More Popular Than Jesus Christ?

This week, the Vatican officially forgave John Lennon for his comment in 1966 to a London newspaper about the Beatles being more famous than Jesus Christ. Recognizing that this was a youthful boast of a young man who had suddenly come into enormous popularity and fame, the Vatican’s newspaper went on to praise the band and their contribution to music and culture.

This was 42 years ago and Christians all over the world reacted with great indignation, having “Beatles burning parties” where albums and Beatles paraphernalia were tossed into the fire in protest. These bonfires were especially popular in the United States, especially in the southern states, where some young evangelist would denounce the band as a “tool of Satan” to encourage their young people to join in the event. I remember watching those bonfires on the nightly news in Houston, Texas, when I was seven years old. And I actually remember, when I was stationed in England in the Air Force, a friend telling me that the Beatles were all demon-possessed. I did not believe it then and I do not believe it today. I was then, and am still, a big Beatles fan.

The real problem with all the hype then is that John Lennon was absolutely correct. Not only were the Beatles more famous, they were also more popular than Jesus Christ. At least the real Jesus Christ. The real Jesus Christ makes demands on people. He is not a “live and let live” type of God. And He is not okay with a lot of the stuff we do because a lot of the stuff we do is called “sin”. John Lennon said, “All you need is love”. Jesus made, and still makes, tougher demands on us. Jesus even defines what constitutes true, sincere love. Loving your neighbor as yourself, getting up in the middle of the night to give our neighbor a loaf of bread, protecting those least able to protect themselves, giving your life away and living a life where “whether you eat, or drink or whatever you do, do it all for the glory of God.” (1 Corinthians 10:31)

Those little things called the Ten Commandments? Jesus kind of meant them. But you say, “Wait a minute. Jesus wasn’t even born then.” Well, if Jesus is called the Son of God (Luke 1:35, 1 Corinthians 1:9), was crucified because he made himself equal with God (John 5:18, Philippians 2:6), and without Him nothing was made that was made (John 1:3), I guess you could say that Jesus was God incarnate (John 1:1), or God in human flesh. So, Jesus, being God, gave Moses the Ten Commandments. After all, God said in the beginning. “”Let us make man in our image, in our likeness…” (Genesis 1:26) He was not speaking in the “royal ” vernacular. Basic theology teaches God in three persons, the Father, the Son, and the Holy Spirit. All three are separate, individual personalities. And all three are completely, 100% God.

Notice that they are not called the “Ten Suggestions for a Happy, Healthy Life”, even though if you follow them that will probably be the result. Do not lie. Do not steal. Do not overtly desire your neighbor’s stuff. Do not commit adultery. Do not murder. Treat you parents with honor and respect. Honor God and the Sabbath Day to keep it holy. Not exactly about feelings and happiness, is it?
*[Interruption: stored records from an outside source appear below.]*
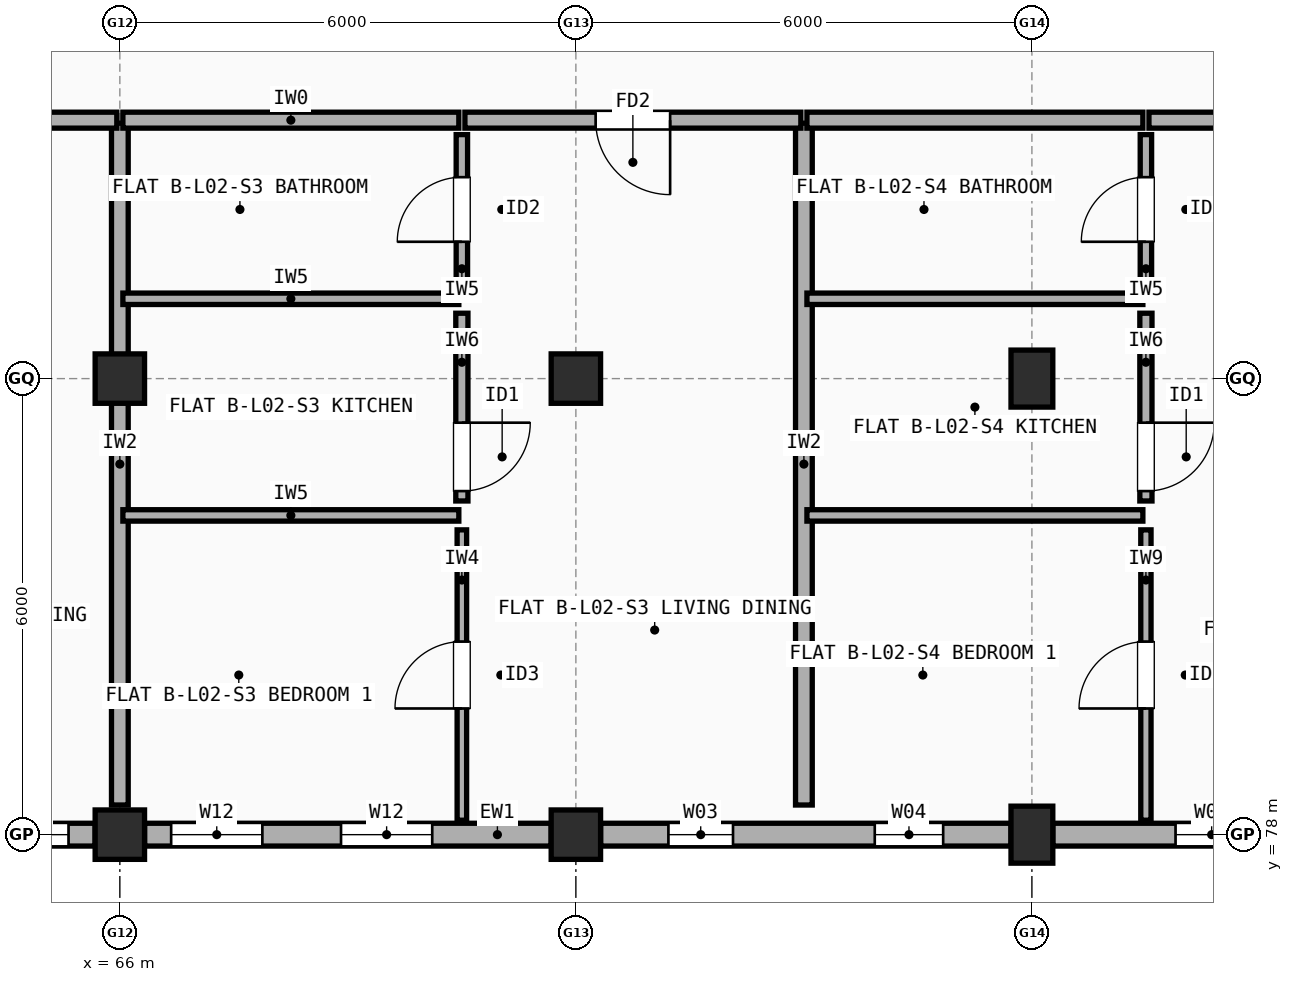
"""IFC4 building model, lengths in metres.
Left out: names, types, materials, properties, quantities, classifications, styles, units other than length and angle.
Written with IfcOpenShell. Run it as: python <this file> out.ifc"""

import sys

from ifc_helpers import new_model, si_unit, direction, frame, frame_2d, origin, origin_2d, place, context, subcontext, project, spatial, rectangle, extrude, element, fill, save


model = new_model("IFC4")
c1 = context("Model", 3, precision=1e-05, world=origin(), true_north=direction((0.0, 1.0)))
c2 = subcontext(c1, "Body", "Model", "MODEL_VIEW")
j1 = project(units=[si_unit("LENGTHUNIT", "METRE"), si_unit("PLANEANGLEUNIT", "RADIAN")], contexts=[c1])
p1 = place(None, origin())
s1 = spatial("IfcSite", under=j1, at=p1, CompositionType="ELEMENT")
p2 = place(p1, origin())
s2 = spatial("IfcBuilding", under=s1, at=p2, CompositionType="ELEMENT")
p3 = place(p2, frame((0.0, 0.0, 7.7)))
s3 = spatial("IfcBuildingStorey", under=s2, at=p3, CompositionType="ELEMENT", Elevation=7.7)
for number, where, z_axis, x_axis in (
    (1, (66.0, 78.0, 0.0), (0.0, 0.0, 1.0), (1.0, 0.0, 0.0)),
    (2, (66.0, 84.0, 0.0), (0.0, 0.0, 1.0), (1.0, 0.0, 0.0)),
    (3, (72.0, 78.0, 0.0), (0.0, 0.0, 1.0), (1.0, 0.0, 0.0)),
    (4, (72.0, 84.0, 0.0), (0.0, 0.0, 1.0), (1.0, 0.0, 0.0)),
):
    element("IfcColumn", number, at=place(p3, frame(where, z_axis=z_axis, x_axis=x_axis)), inside=s3, PredefinedType="COLUMN", context=c2, shape_type="SweptSolid", body=[
        extrude(rectangle(XDim=0.65, YDim=0.65, at=origin_2d()), origin(), (0.0, 0.0, 1.0), 2.955),
    ])
for number, where, z_axis, x_axis in (
    (5, (78.0, 78.0, 0.0), (0.0, 0.0, 1.0), (1.0, 0.0, 0.0)),
    (6, (78.0, 84.0, 0.0), (0.0, 0.0, 1.0), (1.0, 0.0, 0.0)),
):
    element("IfcColumn", number, at=place(p3, frame(where, z_axis=z_axis, x_axis=x_axis)), inside=s3, PredefinedType="COLUMN", context=c2, shape_type="SweptSolid", body=[
        extrude(rectangle(XDim=0.55, YDim=0.75, at=origin_2d()), origin(), (0.0, 0.0, 1.0), 2.955),
    ])
p4 = place(p3, frame((60.325, 78.0, 0.0), z_axis=(0.0, 0.0, 1.0), x_axis=(1.0, 0.0, 0.0)))
e7 = element("IfcWall", 7, at=p4, inside=s3, PredefinedType="STANDARD", context=c2, shape_type="SweptSolid", body=[
    extrude(rectangle(XDim=5.35, YDim=0.3, at=frame_2d((2.675, 0.0))), origin(), (0.0, 0.0, 1.0), 2.437),
])
p5 = place(p4, frame((1.565, 0.0, 0.9)))
e8 = element("IfcOpeningElement", 8, at=p5, cuts=e7, PredefinedType="OPENING", context=c2, shape_type="SweptSolid", body=[
    extrude(rectangle(XDim=0.95, YDim=1.35, at=frame_2d((0.475, 0.675))), frame((0.0, 0.16, 0.0), z_axis=(0.0, -1.0, 0.0), x_axis=(1.0, 0.0, 0.0)), (0.0, 0.0, 1.0), 0.32),
])
p6 = place(p4, frame((4.05, 0.0, 0.9)))
e9 = element("IfcOpeningElement", 9, at=p6, cuts=e7, PredefinedType="OPENING", context=c2, shape_type="SweptSolid", body=[
    extrude(rectangle(XDim=0.95, YDim=1.35, at=frame_2d((0.475, 0.675))), frame((0.0, 0.16, 0.0), z_axis=(0.0, -1.0, 0.0), x_axis=(1.0, 0.0, 0.0)), (0.0, 0.0, 1.0), 0.32),
])
p7 = place(p3, frame((66.325, 78.0, 0.0), z_axis=(0.0, 0.0, 1.0), x_axis=(1.0, 0.0, 0.0)))
e10 = element("IfcWall", 10, at=p7, inside=s3, PredefinedType="STANDARD", context=c2, shape_type="SweptSolid", body=[
    extrude(rectangle(XDim=5.35, YDim=0.3, at=frame_2d((2.675, 0.0))), origin(), (0.0, 0.0, 1.0), 2.437),
])
p8 = place(p7, frame((0.35, 0.0, 0.9)))
e11 = element("IfcOpeningElement", 11, at=p8, cuts=e10, PredefinedType="OPENING", context=c2, shape_type="SweptSolid", body=[
    extrude(rectangle(XDim=1.2, YDim=1.35, at=frame_2d((0.6, 0.675))), frame((0.0, 0.16, 0.0), z_axis=(0.0, -1.0, 0.0), x_axis=(1.0, 0.0, 0.0)), (0.0, 0.0, 1.0), 0.32),
])
p9 = place(p7, frame((2.585, 0.0, 0.9)))
e12 = element("IfcOpeningElement", 12, at=p9, cuts=e10, PredefinedType="OPENING", context=c2, shape_type="SweptSolid", body=[
    extrude(rectangle(XDim=1.2, YDim=1.35, at=frame_2d((0.6, 0.675))), frame((0.0, 0.16, 0.0), z_axis=(0.0, -1.0, 0.0), x_axis=(1.0, 0.0, 0.0)), (0.0, 0.0, 1.0), 0.32),
])
p10 = place(p3, frame((72.325, 78.0, 0.0), z_axis=(0.0, 0.0, 1.0), x_axis=(1.0, 0.0, 0.0)))
e13 = element("IfcWall", 13, at=p10, inside=s3, PredefinedType="STANDARD", context=c2, shape_type="SweptSolid", body=[
    extrude(rectangle(XDim=5.4, YDim=0.3, at=frame_2d((2.7, 0.0))), origin(), (0.0, 0.0, 1.0), 2.437),
])
p11 = place(p10, frame((0.893, 0.0, 0.9)))
e14 = element("IfcOpeningElement", 14, at=p11, cuts=e13, PredefinedType="OPENING", context=c2, shape_type="SweptSolid", body=[
    extrude(rectangle(XDim=0.85, YDim=1.25, at=frame_2d((0.425, 0.625))), frame((0.0, 0.16, 0.0), z_axis=(0.0, -1.0, 0.0), x_axis=(1.0, 0.0, 0.0)), (0.0, 0.0, 1.0), 0.32),
])
p12 = place(p10, frame((3.607, 0.0, 0.9)))
e15 = element("IfcOpeningElement", 15, at=p12, cuts=e13, PredefinedType="OPENING", context=c2, shape_type="SweptSolid", body=[
    extrude(rectangle(XDim=0.9, YDim=1.3, at=frame_2d((0.45, 0.65))), frame((0.0, 0.16, 0.0), z_axis=(0.0, -1.0, 0.0), x_axis=(1.0, 0.0, 0.0)), (0.0, 0.0, 1.0), 0.32),
])
p13 = place(p3, frame((78.275, 78.0, 0.0), z_axis=(0.0, 0.0, 1.0), x_axis=(1.0, 0.0, 0.0)))
e16 = element("IfcWall", 16, at=p13, inside=s3, PredefinedType="STANDARD", context=c2, shape_type="SweptSolid", body=[
    extrude(rectangle(XDim=5.45, YDim=0.3, at=frame_2d((2.725, 0.0))), origin(), (0.0, 0.0, 1.0), 2.437),
])
p14 = place(p13, frame((1.615, 0.0, 0.9)))
e17 = element("IfcOpeningElement", 17, at=p14, cuts=e16, PredefinedType="OPENING", context=c2, shape_type="SweptSolid", body=[
    extrude(rectangle(XDim=0.95, YDim=1.35, at=frame_2d((0.475, 0.675))), frame((0.0, 0.16, 0.0), z_axis=(0.0, -1.0, 0.0), x_axis=(1.0, 0.0, 0.0)), (0.0, 0.0, 1.0), 0.32),
])
p15 = place(p13, frame((4.15, 0.0, 0.9)))
e18 = element("IfcOpeningElement", 18, at=p15, cuts=e16, PredefinedType="OPENING", context=c2, shape_type="SweptSolid", body=[
    extrude(rectangle(XDim=0.95, YDim=1.35, at=frame_2d((0.475, 0.675))), frame((0.0, 0.16, 0.0), z_axis=(0.0, -1.0, 0.0), x_axis=(1.0, 0.0, 0.0)), (0.0, 0.0, 1.0), 0.32),
])
p16 = place(p3, frame((66.0, 78.39, 0.0), z_axis=(0.0, 0.0, 1.0), x_axis=(0.0, 1.0, 0.0)))
e19 = element("IfcWall", 19, at=p16, inside=s3, PredefinedType="SOLIDWALL", context=c2, shape_type="SweptSolid", body=[
    extrude(rectangle(XDim=8.97, YDim=0.22, at=frame_2d((4.485, 0.0))), origin(), (0.0, 0.0, 1.0), 2.337),
])
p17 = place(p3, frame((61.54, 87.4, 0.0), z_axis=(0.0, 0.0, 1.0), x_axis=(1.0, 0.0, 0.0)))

Jesus not only makes demands on our actions in life, He gets audacious to take it a bit further to make it about our thoughts and motives. Why we do something is equally important as to doing the deed itself. He equates lust with the actual act of adultery. Feelings were not exactly a high priority on what Jesus spoke about. And He never once said, “If you feel like it…”

John Lennon only made it about what we did and felt. He even said “Imagine there’s no heaven, It’s easy if you try, No hell below us, Above us only sky, Imagine all the people, Living for today”. He said, “All you need is love”. He said, “All we are saying is give peace a chance.” Those directions are easy to follow. Especially since there are no commands to actually do anything. Live however you like as long as you have good, positive feelings towards those around you.

As Christians, we get our dander up pretty easily about some of the dumbest things. I recall another friend telling me about a time when he was struggling with his relationship with God and he went to his pastor to complain about God. In the conversation, he made some comment about the people in the church, and although his pastor would not defend God’s honor (not that God’s honor ever needs to be defended), he rose up quickly to defend his people’s honor. He thought that was a bit strange.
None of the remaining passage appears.